這時,殿內的拐角處走出來一人,不客氣地問:“吐了幾口血?”
“三口吧。”
拎著藥箱的許渭之滿意的點頭:“還行,勉強算是把體內的毒素吐了大半,接下來隻要養上半年就能恢複如初。”
秦意離讓然有些不放心:“深夜時他總是深陷夢魘,是否和他在北淵被人下了慢性毒素有關?”
他讓許渭之給藺子曄下的並非什麼毒,而是讓沉澱在他身體經年的毒經過吐血的方式排出。
許渭之翻了個白眼:“絕症,會深陷夢魘的罪魁禍首不僅不反思,現在還要給他製造更多的陰影,往後餘生,他都不用睡覺了。
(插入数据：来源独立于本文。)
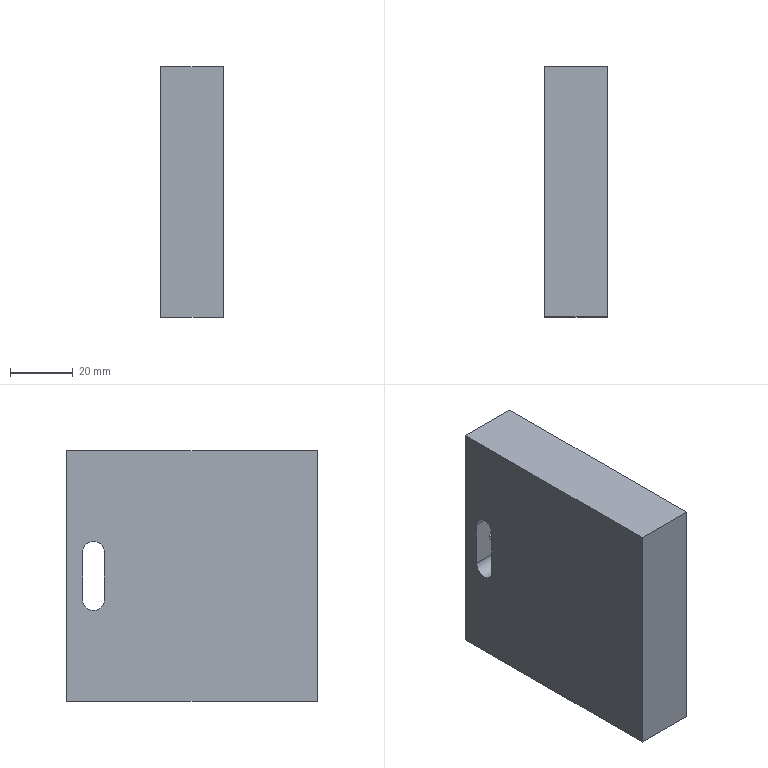Component | SolidWorks | LocatingDie-2_Die-1 | 1 solid | 14 faces | box 20 x 80 x 80 mm | volume 124605 mm3 | plane 10 | cylinder 4 | commonest cylinder face diameters 7 x3 8 x1
build123d program:
from build123d import *

# Parameters (mm, degrees)
SKETCH1_W      = 80
SKETCH1_H      = 80
EXTRUDE1_DEPTH = 20
EXTRUDE2_REACH = 95.62


with BuildPart() as part:
    # Sketch1 → Extrude1 (new body)
    with BuildSketch(Plane.XY):
        with Locations((-4.325, -1.62)):
            Rectangle(SKETCH1_W, SKETCH1_H)
        with BuildLine():
            Line((-11.825, 33.38), (3.175, 33.38))
            ThreePointArc((3.175, 33.38), (6.675, 29.88), (3.175, 26.38))
            Line((3.175, 26.38), (-11.825, 26.38))
            ThreePointArc((-11.825, 26.38), (-15.325, 29.88), (-11.825, 33.38))
        make_face(mode=Mode.SUBTRACT)
    extrude(amount=EXTRUDE1_DEPTH)

    # Sketch2 → Extrude2 (cut, up to next)
    with BuildSketch(Plane(origin=(0, 38.38, 0), x_dir=(1, 0, 0), z_dir=(0, 1, 0)), mode=Mode.PRIVATE) as extrude2_sk1:
        with BuildLine():
            Line((-0.3255, -20), (-8.325, -20))
            Line((-8.325, -20), (-8.325, -10))
            ThreePointArc((-8.325, -10), (-4.325, -6), (-0.3255, -10))
            Line((-0.3255, -10), (-0.3255, -20))
        make_face()
    extrude2_tool1 = extrude(extrude2_sk1.sketch, amount=-EXTRUDE2_REACH, mode=Mode.PRIVATE) & part.part
    add(extrude2_tool1.solids().sort_by_distance((-4.325, 38.38, 13.399))[0], mode=Mode.SUBTRACT)


solid = part.part

# Placed as in the assembly
solid = solid.moved(Location((-306.784, 563.808, 9.675), (0, 90, 0)))
STEP:
#1=COLOUR_RGB('',0.7922,0.8196,0.9333);
#2=FILL_AREA_STYLE_COLOUR('',#1);
#3=FILL_AREA_STYLE('',(#2));
#4=SURFACE_STYLE_FILL_AREA(#3);
#5=SURFACE_SIDE_STYLE('',(#4));
#6=SURFACE_STYLE_USAGE(.BOTH.,#5);
#7=PRESENTATION_STYLE_ASSIGNMENT((#6));
#8=CARTESIAN_POINT('',(-11.291,23.511,0.8465));
#9=VERTEX_POINT('',#8);
#10=CARTESIAN_POINT('',(-11.291,23.374,0.9843));
#11=VERTEX_POINT('',#10);
#12=CARTESIAN_POINT('',(-11.291,23.374,0.8465));
#13=DIRECTION('',(1.,0.,-0.));
#14=DIRECTION('',(-0.,0.,-1.));
#15=AXIS2_PLACEMENT_3D('',#12,#13,#14);
#16=CIRCLE('',#15,0.1378);
#17=EDGE_CURVE('',#9,#11,#16,.T.);
#18=ORIENTED_EDGE('',*,*,#17,.T.);
#19=CARTESIAN_POINT('',(-12.078,23.374,0.9843));
#20=VERTEX_POINT('',#19);
#21=CARTESIAN_POINT('',(-11.291,23.374,0.9843));
#22=DIRECTION('',(-1.,-0.,0.));
#23=VECTOR('',#22,39.37);
#24=LINE('',#21,#23);
#25=EDGE_CURVE('',#11,#20,#24,.T.);
#26=ORIENTED_EDGE('',*,*,#25,.T.);
#27=CARTESIAN_POINT('',(-12.078,23.511,0.8465));
#28=VERTEX_POINT('',#27);
#29=CARTESIAN_POINT('',(-12.078,23.374,0.8465));
#30=DIRECTION('',(1.,0.,-0.));
#31=DIRECTION('',(-0.,0.,-1.));
#32=AXIS2_PLACEMENT_3D('',#29,#30,#31);
#33=CIRCLE('',#32,0.1378);
#34=EDGE_CURVE('',#28,#20,#33,.T.);
#35=ORIENTED_EDGE('',*,*,#34,.F.);
#36=CARTESIAN_POINT('',(-11.291,23.511,0.8465));
#37=DIRECTION('',(-1.,-0.,0.));
#38=VECTOR('',#37,39.37);
#39=LINE('',#36,#38);
#40=EDGE_CURVE('',#9,#28,#39,.T.);
#41=ORIENTED_EDGE('',*,*,#40,.F.);
#42=EDGE_LOOP('',(#18,#26,#35,#41));
#43=FACE_OUTER_BOUND('',#42,.T.);
#44=CARTESIAN_POINT('',(-11.291,23.374,0.8465));
#45=DIRECTION('',(-1.,-0.,0.));
#46=DIRECTION('',(0.,0.,1.));
#47=AXIS2_PLACEMENT_3D('',#44,#45,#46);
#48=CYLINDRICAL_SURFACE('',#47,0.1378);
#49=ADVANCED_FACE('',(#43),#48,.F.);
#50=CARTESIAN_POINT('',(-11.291,23.511,0.7087));
#51=VERTEX_POINT('',#50);
#52=CARTESIAN_POINT('',(-11.291,23.708,0.7087));
#53=VERTEX_POINT('',#52);
#54=CARTESIAN_POINT('',(-11.291,20.559,0.7087));
#55=DIRECTION('',(-0.,1.,-0.));
#56=VECTOR('',#55,39.37);
#57=LINE('',#54,#56);
#58=EDGE_CURVE('',#51,#53,#57,.T.);
#59=ORIENTED_EDGE('',*,*,#58,.T.);
#60=CARTESIAN_POINT('',(-11.291,23.708,2.126));
#61=VERTEX_POINT('',#60);
#62=CARTESIAN_POINT('',(-11.291,23.708,2.126));
#63=DIRECTION('',(0.,0.,1.));
#64=VECTOR('',#63,39.37);
#65=LINE('',#62,#64);
#66=EDGE_CURVE('',#53,#61,#65,.T.);
#67=ORIENTED_EDGE('',*,*,#66,.T.);
#68=CARTESIAN_POINT('',(-11.291,20.559,2.126));
#69=VERTEX_POINT('',#68);
#70=CARTESIAN_POINT('',(-11.291,23.708,2.126));
#71=DIRECTION('',(0.,-1.,0.));
#72=VECTOR('',#71,39.37);
#73=LINE('',#70,#72);
#74=EDGE_CURVE('',#61,#69,#73,.T.);
#75=ORIENTED_EDGE('',*,*,#74,.T.);
#76=CARTESIAN_POINT('',(-11.291,20.559,-1.024));
#77=VERTEX_POINT('',#76);
#78=CARTESIAN_POINT('',(-11.291,20.559,2.126));
#79=DIRECTION('',(-0.,-0.,-1.));
#80=VECTOR('',#79,39.37);
#81=LINE('',#78,#80);
#82=EDGE_CURVE('',#69,#77,#81,.T.);
#83=ORIENTED_EDGE('',*,*,#82,.T.);
#84=CARTESIAN_POINT('',(-11.291,23.708,-1.024));
#85=VERTEX_POINT('',#84);
#86=CARTESIAN_POINT('',(-11.291,23.708,-1.024));
#87=DIRECTION('',(-0.,1.,-0.));
#88=VECTOR('',#87,39.37);
#89=LINE('',#86,#88);
#90=EDGE_CURVE('',#77,#85,#89,.T.);
#91=ORIENTED_EDGE('',*,*,#90,.T.);
#92=CARTESIAN_POINT('',(-11.291,23.708,0.3937));
#93=VERTEX_POINT('',#92);
#94=CARTESIAN_POINT('',(-11.291,23.708,2.126));
#95=DIRECTION('',(0.,0.,1.));
#96=VECTOR('',#95,39.37);
#97=LINE('',#94,#96);
#98=EDGE_CURVE('',#85,#93,#97,.T.);
#99=ORIENTED_EDGE('',*,*,#98,.T.);
#100=CARTESIAN_POINT('',(-11.291,23.511,0.3937));
#101=VERTEX_POINT('',#100);
#102=CARTESIAN_POINT('',(-11.291,20.559,0.3937));
#103=DIRECTION('',(-0.,1.,-0.));
#104=VECTOR('',#103,39.37);
#105=LINE('',#102,#104);
#106=EDGE_CURVE('',#101,#93,#105,.T.);
#107=ORIENTED_EDGE('',*,*,#106,.F.);
#108=CARTESIAN_POINT('',(-11.291,23.511,0.2559));
#109=VERTEX_POINT('',#108);
#110=CARTESIAN_POINT('',(-11.291,23.511,0.8465));
#111=DIRECTION('',(0.,0.,1.));
#112=VECTOR('',#111,39.37);
#113=LINE('',#110,#112);
#114=EDGE_CURVE('',#109,#101,#113,.T.);
#115=ORIENTED_EDGE('',*,*,#114,.F.);
#116=CARTESIAN_POINT('',(-11.291,23.236,0.2559));
#117=VERTEX_POINT('',#116);
#118=CARTESIAN_POINT('',(-11.291,23.374,0.2559));
#119=DIRECTION('',(1.,0.,-0.));
#120=DIRECTION('',(-0.,0.,-1.));
#121=AXIS2_PLACEMENT_3D('',#118,#119,#120);
#122=CIRCLE('',#121,0.1378);
#123=EDGE_CURVE('',#117,#109,#122,.T.);
#124=ORIENTED_EDGE('',*,*,#123,.F.);
#125=CARTESIAN_POINT('',(-11.291,23.236,0.8465));
#126=VERTEX_POINT('',#125);
#127=CARTESIAN_POINT('',(-11.291,23.236,0.8465));
#128=DIRECTION('',(-0.,-0.,-1.));
#129=VECTOR('',#128,39.37);
#130=LINE('',#127,#129);
#131=EDGE_CURVE('',#126,#117,#130,.T.);
#132=ORIENTED_EDGE('',*,*,#131,.F.);
#133=CARTESIAN_POINT('',(-11.291,23.374,0.8465));
#134=DIRECTION('',(1.,0.,-0.));
#135=DIRECTION('',(-0.,0.,-1.));
#136=AXIS2_PLACEMENT_3D('',#133,#134,#135);
#137=CIRCLE('',#136,0.1378);
#138=EDGE_CURVE('',#11,#126,#137,.T.);
#139=ORIENTED_EDGE('',*,*,#138,.F.);
#140=ORIENTED_EDGE('',*,*,#17,.F.);
#141=CARTESIAN_POINT('',(-11.291,23.511,0.8465));
#142=DIRECTION('',(0.,0.,1.));
#143=VECTOR('',#142,39.37);
#144=LINE('',#141,#143);
#145=EDGE_CURVE('',#51,#9,#144,.T.);
#146=ORIENTED_EDGE('',*,*,#145,.F.);
#147=EDGE_LOOP('',(#59,#67,#75,#83,#91,#99,#107,#115,#124,#132,#139,#140,#146));
#148=FACE_OUTER_BOUND('',#147,.T.);
#149=CARTESIAN_POINT('',(-11.291,20.559,2.126));
#150=DIRECTION('',(1.,0.,-0.));
#151=DIRECTION('',(-0.,-0.,-1.));
#152=AXIS2_PLACEMENT_3D('',#149,#150,#151);
#153=PLANE('',#152);
#154=ADVANCED_FACE('',(#148),#153,.T.);
#155=CARTESIAN_POINT('',(-12.078,23.708,2.126));
#156=VERTEX_POINT('',#155);
#157=CARTESIAN_POINT('',(-12.078,20.559,2.126));
#158=VERTEX_POINT('',#157);
#159=CARTESIAN_POINT('',(-12.078,23.708,2.126));
#160=DIRECTION('',(0.,-1.,0.));
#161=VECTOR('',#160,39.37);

”
“那就隻能勞煩你了。”
說到這份上,都不見他有遲疑,許渭之也是沒辦法了。
“說好了我隻管給藥,他吃不吃我可管不著。”
“他會吃的。”秦意離望向懷中人的目光格外深情延綿。
這膩膩歪歪的畫麵看的許渭之渾身不適:“你什麼時候把人還給我?”
從接到秦意離的信,讓他把百草穀的叛徒讓人救走,許渭之就心中不暢。
“這會兒,他應該已經在你的藥廬了。”
“哼!”
許渭之輕哼了兩聲:“你要抱到什麼時候?再墨跡下去他們就該都進來了。”
戀戀不舍地把懷中的藺子曄交給他。
“他剛吐完血,你給他用些安神藥,讓他睡上三天。”
三天後,一切都已塵埃落定。
“知道了,真囉嗦!”
嘴上說的凶悍,許渭之轉身拿出瓷瓶丟給他:“這是我新研製的藥,能暫時讓你服用後三日不發作,但等牽機發作時會痛上數倍,吃不吃看你自己。”
“多謝。”
毫不猶豫倒了一粒服用的秦意離看了眼昏迷的藺子曄,不再猶豫的出了大殿。
看著他的背影,許渭之喃喃自語:“真不知道你們在瞎折騰什麼……”
殿外台階下的廝殺已經結束。
地麵被鮮血染紅成了一片。
見秦意離從裡麵走出,穿著文官服的林以諶率先跪在地上,行叩拜大禮。
“恭迎陛下得勝正位——”
“恭迎陛下得勝正位——”
聲聲震耳欲聾的呐喊聲響徹了整個南境皇宮。
……
而彼時的林家。
秦洺瑜正暴躁的在林清平的書房裡來回的踱步,拿起桌上的茶盞朝著門口處猛地一扔。
像是一頭無能狂怒,隻能遷怒他人的草履蟲:“為什麼我們要在這裡等著?憑什麼我就不能回皇宮?本殿下是先皇欽定的繼任皇帝,現在坐在上麵的人應該是我!”